During May, and while preparations were being made for the third great bombardment of the ill-fated city, summer broke beautifully, and the weather, chequered occasionally by fitful intervals of cold and rain, made us all cheerful. You would scarcely have believed that the happy, good-humoured, and jocular visitors to the British Hotel were the same men who had a few weeks before ridden gloomily through the muddy road to its door. It was a period of relaxation, and they all enjoyed it. Amusement was the order of the day. Races, dog-hunts, cricket-matches, and dinner-parties were eagerly indulged in, and in all I could be of use to provide the good cheer which was so essential a part of these entertainments; and when the warm weather came in all its intensity, and I took to manufacturing cooling beverages for my friends and customers, my store was always full. To please all was somewhat difficult, and occasionally some of them were scarcely so polite as they should have been to a perplexed hostess, who could scarcely be expected to remember that Lieutenant A. had bespoken his sangaree an instant before Captain B. and his friends had ordered their claret cup.
In anticipation of the hot weather, I had laid in a large stock of raspberry vinegar, which, properly managed, helps to make a pleasant drink; and there was a great demand for sangaree, claret, and cider cups, the cups being battered pewter pots. Would you like, reader, to know my recipe for the favourite claret cup? It is simple enough. Claret, water, lemon-peel, sugar, nutmeg, and—ice—yes, ice, but not often and not for long, for the eager officers soon made an end of it. Sometimes there were dinner-parties at Spring Hill, but of these more hereafter. At one of the earliest, when the Times correspondent was to be present, I rode down to Kadikoi, bought some calico and cut it up into table napkins. They all laughed very heartily, and thought perhaps of a few weeks previously, when every available piece of linen in the camp would have been snapped up for pocket-handkerchiefs.

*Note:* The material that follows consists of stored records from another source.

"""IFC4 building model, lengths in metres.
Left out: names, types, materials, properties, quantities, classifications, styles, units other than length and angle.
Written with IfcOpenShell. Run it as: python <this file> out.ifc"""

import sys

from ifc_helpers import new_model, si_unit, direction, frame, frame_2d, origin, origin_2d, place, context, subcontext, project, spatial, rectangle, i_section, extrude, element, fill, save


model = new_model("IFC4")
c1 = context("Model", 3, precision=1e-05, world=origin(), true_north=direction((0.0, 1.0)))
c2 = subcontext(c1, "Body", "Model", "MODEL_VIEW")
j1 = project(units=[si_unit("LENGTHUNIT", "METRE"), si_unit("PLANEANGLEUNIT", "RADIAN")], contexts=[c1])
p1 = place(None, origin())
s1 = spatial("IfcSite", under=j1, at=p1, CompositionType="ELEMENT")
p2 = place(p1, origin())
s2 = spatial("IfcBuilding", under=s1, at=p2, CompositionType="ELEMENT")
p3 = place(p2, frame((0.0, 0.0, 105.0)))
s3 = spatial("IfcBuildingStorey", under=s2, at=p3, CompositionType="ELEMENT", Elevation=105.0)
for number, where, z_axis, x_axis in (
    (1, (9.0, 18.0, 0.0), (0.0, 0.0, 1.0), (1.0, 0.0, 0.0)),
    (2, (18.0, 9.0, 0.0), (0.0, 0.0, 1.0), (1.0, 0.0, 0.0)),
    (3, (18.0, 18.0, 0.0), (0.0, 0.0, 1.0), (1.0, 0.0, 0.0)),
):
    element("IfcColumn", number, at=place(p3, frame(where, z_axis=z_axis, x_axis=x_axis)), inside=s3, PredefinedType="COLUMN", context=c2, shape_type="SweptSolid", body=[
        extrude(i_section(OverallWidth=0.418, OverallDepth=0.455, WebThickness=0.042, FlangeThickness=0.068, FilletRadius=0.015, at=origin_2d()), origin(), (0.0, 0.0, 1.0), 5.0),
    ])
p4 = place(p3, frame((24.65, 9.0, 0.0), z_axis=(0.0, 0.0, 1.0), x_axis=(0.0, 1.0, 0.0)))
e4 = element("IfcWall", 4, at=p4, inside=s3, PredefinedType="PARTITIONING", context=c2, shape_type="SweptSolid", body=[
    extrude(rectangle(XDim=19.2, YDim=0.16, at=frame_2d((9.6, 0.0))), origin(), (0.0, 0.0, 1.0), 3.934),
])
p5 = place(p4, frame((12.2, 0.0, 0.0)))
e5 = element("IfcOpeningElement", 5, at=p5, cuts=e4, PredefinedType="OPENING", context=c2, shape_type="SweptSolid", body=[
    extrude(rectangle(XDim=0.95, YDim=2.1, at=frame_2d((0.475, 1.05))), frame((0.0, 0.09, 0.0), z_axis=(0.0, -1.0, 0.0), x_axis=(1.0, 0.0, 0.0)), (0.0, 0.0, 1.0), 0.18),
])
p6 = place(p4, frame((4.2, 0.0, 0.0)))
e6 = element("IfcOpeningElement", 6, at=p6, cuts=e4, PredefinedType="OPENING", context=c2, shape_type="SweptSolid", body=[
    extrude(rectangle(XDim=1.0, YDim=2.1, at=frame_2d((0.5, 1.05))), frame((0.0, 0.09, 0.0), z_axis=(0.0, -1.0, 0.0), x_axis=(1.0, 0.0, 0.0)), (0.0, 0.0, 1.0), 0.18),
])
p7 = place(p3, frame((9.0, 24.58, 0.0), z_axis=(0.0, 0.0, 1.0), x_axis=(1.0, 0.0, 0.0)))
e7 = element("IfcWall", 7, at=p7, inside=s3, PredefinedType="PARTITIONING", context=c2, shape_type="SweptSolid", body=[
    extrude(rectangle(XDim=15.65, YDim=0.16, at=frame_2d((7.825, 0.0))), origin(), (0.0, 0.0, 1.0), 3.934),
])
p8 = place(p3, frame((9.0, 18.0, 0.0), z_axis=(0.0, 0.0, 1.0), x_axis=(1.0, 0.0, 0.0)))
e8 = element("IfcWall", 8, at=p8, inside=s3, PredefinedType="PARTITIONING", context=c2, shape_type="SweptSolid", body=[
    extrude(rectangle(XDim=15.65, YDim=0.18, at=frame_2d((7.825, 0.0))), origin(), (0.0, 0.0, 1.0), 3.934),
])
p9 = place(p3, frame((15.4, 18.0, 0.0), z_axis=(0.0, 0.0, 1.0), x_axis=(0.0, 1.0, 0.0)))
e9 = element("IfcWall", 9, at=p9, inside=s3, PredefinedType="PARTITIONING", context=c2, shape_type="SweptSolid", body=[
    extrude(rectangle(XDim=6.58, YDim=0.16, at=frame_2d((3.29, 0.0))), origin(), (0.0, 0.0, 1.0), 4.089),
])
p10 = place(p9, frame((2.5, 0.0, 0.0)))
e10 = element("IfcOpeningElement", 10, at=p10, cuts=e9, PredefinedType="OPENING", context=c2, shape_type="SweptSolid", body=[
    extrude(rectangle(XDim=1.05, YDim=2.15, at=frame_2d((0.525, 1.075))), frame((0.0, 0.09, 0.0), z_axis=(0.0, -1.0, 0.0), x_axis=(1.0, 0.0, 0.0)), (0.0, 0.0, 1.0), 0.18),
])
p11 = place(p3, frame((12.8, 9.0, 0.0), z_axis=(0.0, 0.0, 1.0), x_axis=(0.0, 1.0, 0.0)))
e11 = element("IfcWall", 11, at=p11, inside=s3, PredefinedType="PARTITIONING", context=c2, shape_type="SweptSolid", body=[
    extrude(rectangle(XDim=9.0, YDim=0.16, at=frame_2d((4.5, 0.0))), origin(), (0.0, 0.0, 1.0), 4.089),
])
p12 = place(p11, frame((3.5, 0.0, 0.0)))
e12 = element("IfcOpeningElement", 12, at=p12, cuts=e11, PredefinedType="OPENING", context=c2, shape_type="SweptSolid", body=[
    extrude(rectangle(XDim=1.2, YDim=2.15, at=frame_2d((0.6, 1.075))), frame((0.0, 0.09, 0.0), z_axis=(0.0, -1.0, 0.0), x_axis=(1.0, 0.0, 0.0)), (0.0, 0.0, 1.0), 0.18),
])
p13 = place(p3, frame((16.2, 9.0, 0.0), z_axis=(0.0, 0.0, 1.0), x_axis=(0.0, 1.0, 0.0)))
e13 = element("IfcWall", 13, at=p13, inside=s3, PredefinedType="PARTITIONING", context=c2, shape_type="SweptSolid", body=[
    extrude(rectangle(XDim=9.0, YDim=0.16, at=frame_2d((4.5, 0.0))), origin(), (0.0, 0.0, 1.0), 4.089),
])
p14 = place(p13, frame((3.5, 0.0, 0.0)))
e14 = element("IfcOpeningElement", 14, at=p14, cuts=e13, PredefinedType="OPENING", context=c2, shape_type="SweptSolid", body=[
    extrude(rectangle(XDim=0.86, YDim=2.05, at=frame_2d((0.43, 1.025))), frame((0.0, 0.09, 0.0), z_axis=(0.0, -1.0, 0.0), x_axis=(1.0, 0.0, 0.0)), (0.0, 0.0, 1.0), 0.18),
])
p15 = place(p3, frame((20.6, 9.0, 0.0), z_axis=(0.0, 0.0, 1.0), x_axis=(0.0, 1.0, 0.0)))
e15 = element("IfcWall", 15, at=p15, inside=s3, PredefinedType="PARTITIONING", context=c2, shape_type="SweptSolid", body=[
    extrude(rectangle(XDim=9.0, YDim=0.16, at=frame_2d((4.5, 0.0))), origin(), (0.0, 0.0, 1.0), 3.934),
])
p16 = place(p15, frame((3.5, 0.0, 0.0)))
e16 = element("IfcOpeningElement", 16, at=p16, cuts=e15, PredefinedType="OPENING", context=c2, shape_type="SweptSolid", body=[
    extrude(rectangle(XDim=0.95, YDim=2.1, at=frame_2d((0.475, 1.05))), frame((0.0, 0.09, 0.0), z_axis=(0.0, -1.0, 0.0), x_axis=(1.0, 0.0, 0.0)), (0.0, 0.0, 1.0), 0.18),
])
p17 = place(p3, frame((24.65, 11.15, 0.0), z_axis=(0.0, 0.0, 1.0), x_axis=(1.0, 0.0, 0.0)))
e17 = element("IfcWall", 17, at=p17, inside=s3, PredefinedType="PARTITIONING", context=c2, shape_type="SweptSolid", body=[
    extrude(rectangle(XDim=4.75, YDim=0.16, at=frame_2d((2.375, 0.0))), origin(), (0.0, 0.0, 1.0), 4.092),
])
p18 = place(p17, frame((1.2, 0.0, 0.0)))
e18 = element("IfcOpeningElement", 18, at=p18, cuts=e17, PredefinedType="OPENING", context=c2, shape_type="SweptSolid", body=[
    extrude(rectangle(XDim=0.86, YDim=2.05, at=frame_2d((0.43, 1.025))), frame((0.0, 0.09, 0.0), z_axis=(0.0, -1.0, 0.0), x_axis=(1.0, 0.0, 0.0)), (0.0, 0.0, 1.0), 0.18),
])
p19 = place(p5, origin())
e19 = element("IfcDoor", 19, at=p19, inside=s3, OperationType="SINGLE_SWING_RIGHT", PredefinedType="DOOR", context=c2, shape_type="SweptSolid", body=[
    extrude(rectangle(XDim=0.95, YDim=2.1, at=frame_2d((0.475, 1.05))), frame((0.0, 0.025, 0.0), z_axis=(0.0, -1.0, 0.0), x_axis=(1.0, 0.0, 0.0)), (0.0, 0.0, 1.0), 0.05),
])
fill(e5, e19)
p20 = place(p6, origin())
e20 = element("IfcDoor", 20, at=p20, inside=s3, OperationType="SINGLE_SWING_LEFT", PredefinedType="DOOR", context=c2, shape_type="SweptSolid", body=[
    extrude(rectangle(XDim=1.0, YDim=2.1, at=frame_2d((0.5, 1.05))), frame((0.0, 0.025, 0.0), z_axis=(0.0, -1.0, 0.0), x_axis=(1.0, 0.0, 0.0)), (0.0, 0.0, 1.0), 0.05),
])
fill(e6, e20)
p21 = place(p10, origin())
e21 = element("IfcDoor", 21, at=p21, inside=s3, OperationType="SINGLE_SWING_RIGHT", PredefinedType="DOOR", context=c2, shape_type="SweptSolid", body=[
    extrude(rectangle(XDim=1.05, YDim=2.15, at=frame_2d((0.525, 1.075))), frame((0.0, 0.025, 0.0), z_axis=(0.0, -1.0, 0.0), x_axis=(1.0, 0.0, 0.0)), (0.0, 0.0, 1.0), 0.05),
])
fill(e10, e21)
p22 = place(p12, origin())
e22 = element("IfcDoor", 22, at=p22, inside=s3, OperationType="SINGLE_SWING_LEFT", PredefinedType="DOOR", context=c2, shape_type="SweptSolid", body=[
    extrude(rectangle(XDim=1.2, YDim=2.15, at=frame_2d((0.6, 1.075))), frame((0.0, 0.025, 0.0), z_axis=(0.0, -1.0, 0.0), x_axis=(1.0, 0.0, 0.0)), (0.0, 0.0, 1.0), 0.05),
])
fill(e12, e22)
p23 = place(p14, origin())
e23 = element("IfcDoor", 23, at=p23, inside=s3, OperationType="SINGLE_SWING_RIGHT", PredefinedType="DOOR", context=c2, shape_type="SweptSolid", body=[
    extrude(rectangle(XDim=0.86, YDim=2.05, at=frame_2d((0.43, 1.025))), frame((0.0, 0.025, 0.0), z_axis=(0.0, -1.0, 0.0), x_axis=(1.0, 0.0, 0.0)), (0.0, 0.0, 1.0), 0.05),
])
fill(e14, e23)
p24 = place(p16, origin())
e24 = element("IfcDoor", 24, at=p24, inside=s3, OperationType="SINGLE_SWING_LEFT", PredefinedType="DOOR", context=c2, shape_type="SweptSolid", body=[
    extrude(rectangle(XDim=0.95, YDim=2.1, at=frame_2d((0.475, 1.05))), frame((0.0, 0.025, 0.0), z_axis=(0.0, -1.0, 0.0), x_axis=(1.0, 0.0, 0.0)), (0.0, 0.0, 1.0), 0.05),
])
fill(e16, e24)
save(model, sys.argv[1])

But the reader must not forget that all this time, although there might be only a few short and sullen roars of the great guns by day, few nights passed without some fighting in the trenches; and very often the news of the morning would be that one or other of those I knew had fallen. These tidings often saddened me, and when I awoke in the night and heard the thunder of the guns fiercer than usual, I have quite dreaded the dawn which might usher in bad news.
The deaths in the trenches touched me deeply, perhaps for this reason. It was very usual, when a young officer was ordered into the trenches, for him to ride down to Spring Hill to dine, or obtain something more than his ordinary fare to brighten his weary hours in those fearful ditches. They seldom failed on these occasions to shake me by the hand at parting, and sometimes would say, “You see, Mrs. Seacole, I can’t say goodbye to the dear ones at home, so I’ll bid you goodbye for them. Perhaps you’ll see them some day, and if the Russians should knock me over, mother, just tell them I thought of them all—will you?” And although all this might be said in a lighthearted manner, it was rather solemn. I felt it to be so, for I never failed (although who was I, that I should preach?) to say something about God’s providence and relying upon it; and they were very good. No army of parsons could be much better than my sons. They would listen very gravely, and shake me by the hand again, while I felt that there was nothing in the world I would not do for them. Then very often the men would say, “I’m going in with my master tonight, Mrs. Seacole; come and look after him, if he’s hit;” and so often as this happened I would pass the night restlessly, awaiting with anxiety the morning, and yet dreading to hear the news it held in store for me. I used to think it was like having a large family of children ill with fever, and dreading to hear which one had passed away in the night.
And as often as the bad news came, I thought it my duty to ride up to the hut of the sufferer and do my woman’s work. But I felt it deeply. How could it be otherwise? There was one poor boy in the Artillery, with blue eyes and light golden hair, whom I nursed through a long and weary sickness, borne with all a man’s spirit, and whom I grew to love like a fond old-fashioned mother. I thought if ever angels watched over any life, they would shelter his; but one day, but a short time after he had left his sickbed, he was struck down on his battery, working like a young hero. It was a long time before I could banish from my mind the thought of him as I saw him last, the yellow hair, stiff and stained with his lifeblood, and the blue eyes closed in the sleep of death. Of course, I saw him buried, as I did poor H⸺ V⸺, my old Jamaica friend, whose kind face was so familiar to me of old. Another good friend I mourned bitterly—Captain B⸺, of the Coldstreams—a great cricketer. He had been with me on the previous evening, had seemed dull, but had supped at my store, and on the following morning a brother officer told me he was shot dead while setting his pickets, which made me ill and unfit for work for the whole day. Mind you, a day was a long time to give to sorrow in the Crimea.
I could give many other similar instances, but why should I sadden myself or my readers?